NOTE: Latest customer is at RHEL 5.4
Elevating priority and severity to match ITs. This is now being seen on RHEL 5.4 and by more than one customer. Both customers are using EMC storage.
This request was evaluated by Red Hat Product Management for inclusion in a Red Hat Enterprise Linux maintenance release. Product Management has requested further review of this request by Red Hat Engineering, for potential inclusion in a Red Hat Enterprise Linux Update release for currently deployed products. This request is not yet committed for inclusion in an Update release.
@GSS We need to confirm that there is commitment to test for the resolution of this request during the RHEL 5.5 test phase, if it is accepted into the release. Please post a confirmation before Oct 16th, 2009, including the contact information for testing engineers.
As this bug targets two different issues the delete_partition() panic is now tracked in bug 530066. This bug will track the part_round_stats() panic.
I don't see how the posted patch will fix this issue. What I think is happening here is a race between the various users of part_round_stats() and rescan_partitions().

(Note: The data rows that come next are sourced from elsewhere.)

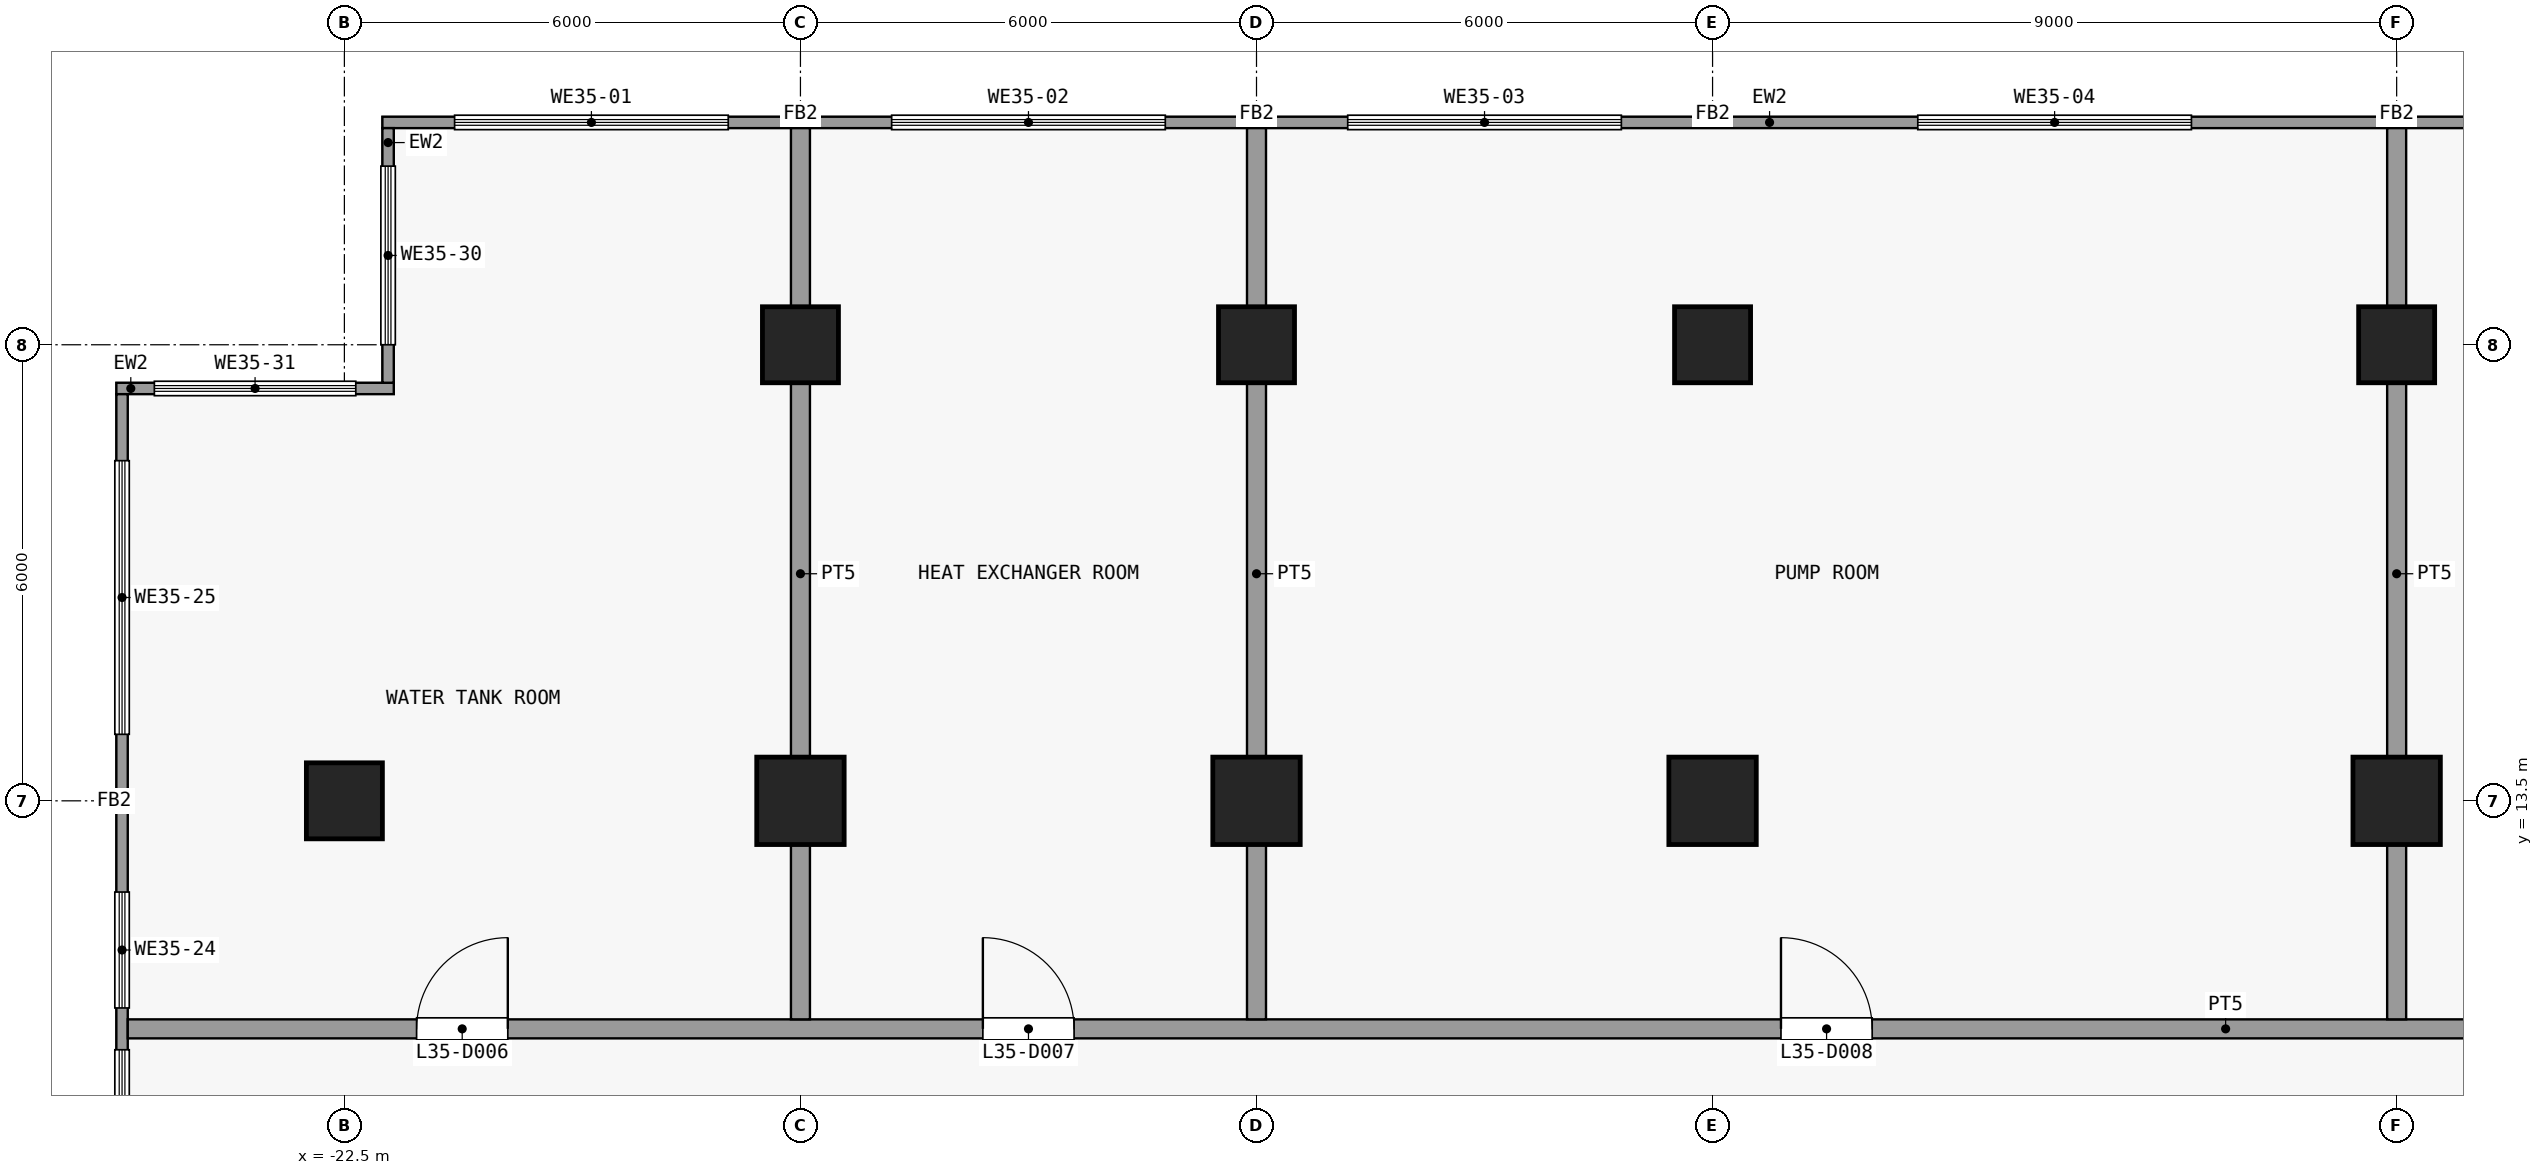
"""IFC4 building model, lengths in metres.
Left out: names, types, materials, properties, quantities, classifications, styles, units other than length and angle.
Written with IfcOpenShell. Run it as: python <this file> out.ifc"""

import sys

from ifc_helpers import new_model, si_unit, direction, frame, frame_2d, origin, origin_2d, place, context, subcontext, project, spatial, rectangle, extrude, element, fill, save


model = new_model("IFC4")
c1 = context("Model", 3, precision=1e-05, world=origin(), true_north=direction((0.0, 1.0)))
c2 = subcontext(c1, "Body", "Model", "MODEL_VIEW")
j1 = project(units=[si_unit("LENGTHUNIT", "METRE"), si_unit("PLANEANGLEUNIT", "RADIAN")], contexts=[c1])
p1 = place(None, origin())
s1 = spatial("IfcSite", under=j1, at=p1, CompositionType="ELEMENT")
p2 = place(p1, origin())
s2 = spatial("IfcBuilding", under=s1, at=p2, CompositionType="ELEMENT")
p3 = place(p2, frame((0.0, 0.0, 143.9)))
s3 = spatial("IfcBuildingStorey", under=s2, at=p3, CompositionType="ELEMENT", Elevation=143.9)
p4 = place(p3, frame((-22.5, 13.5, 0.0), z_axis=(0.0, 0.0, 1.0), x_axis=(1.0, 0.0, 0.0)))
e1 = element("IfcColumn", 1, at=p4, inside=s3, PredefinedType="COLUMN", context=c2, shape_type="SweptSolid", body=[
    extrude(rectangle(XDim=1.0, YDim=1.0, at=origin_2d()), origin(), (0.0, 0.0, 1.0), 5.4),
])
p5 = place(p3, frame((-16.5, 13.5, 0.0), z_axis=(0.0, 0.0, 1.0), x_axis=(1.0, 0.0, 0.0)))
e2 = element("IfcColumn", 2, at=p5, inside=s3, PredefinedType="COLUMN", context=c2, shape_type="SweptSolid", body=[
    extrude(rectangle(XDim=1.15, YDim=1.15, at=origin_2d()), origin(), (0.0, 0.0, 1.0), 5.4),
])
p6 = place(p3, frame((-16.5, 19.5, 0.0), z_axis=(0.0, 0.0, 1.0), x_axis=(1.0, 0.0, 0.0)))
e3 = element("IfcColumn", 3, at=p6, inside=s3, PredefinedType="COLUMN", context=c2, shape_type="SweptSolid", body=[
    extrude(rectangle(XDim=1.0, YDim=1.0, at=origin_2d()), origin(), (0.0, 0.0, 1.0), 5.4),
])
p7 = place(p3, frame((-10.5, 13.5, 0.0), z_axis=(0.0, 0.0, 1.0), x_axis=(1.0, 0.0, 0.0)))
e4 = element("IfcColumn", 4, at=p7, inside=s3, PredefinedType="COLUMN", context=c2, shape_type="SweptSolid", body=[
    extrude(rectangle(XDim=1.15, YDim=1.15, at=origin_2d()), origin(), (0.0, 0.0, 1.0), 5.4),
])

For example in diskstats_show() we have this sequence: struct hd_struct *hd = gp->part[n]; if (!hd || !hd->nr_sects) continue; preempt_disable(); part_round_stats(hd); preempt_enable(); Between assigning 'hd' and calling part_round_stats() another thread may have called rescan_partitions() and reloaded the partition table so our 'hd' is now old and doesn't match the new one and get_partstats() returns NULL. This bug has been fixed in BZ 495866. So what needs to be done to fix the same bug in drive_stat_acct(), blk_account_io_merge(), blk_account_io_done() and part_stats_read() is to call rcu_read_lock() before retrieving the partition which is mostly only a slight change to the posted patch.
I guess you're right. I'll nack my patch and fix it.
*** Bug 530066 has been marked as a duplicate of this bug. ***
~~ Attention Customers and Partners - RHEL 5.5 Beta is now available on RHN ~~ RHEL 5.5 Beta has been released! There should be a fix present in this release that addresses your request. Please test and report back results here, by March 3rd 2010 (2010-03-03) or sooner. Upon successful verification of this request, post your results and update the Verified field in Bugzilla with the appropriate value. If you encounter any issues while testing, please describe them and set this bug into NEED_INFO. If you encounter new defects or have additional patch(es) to request for inclusion, please clone this bug per each request and escalate through your support representative.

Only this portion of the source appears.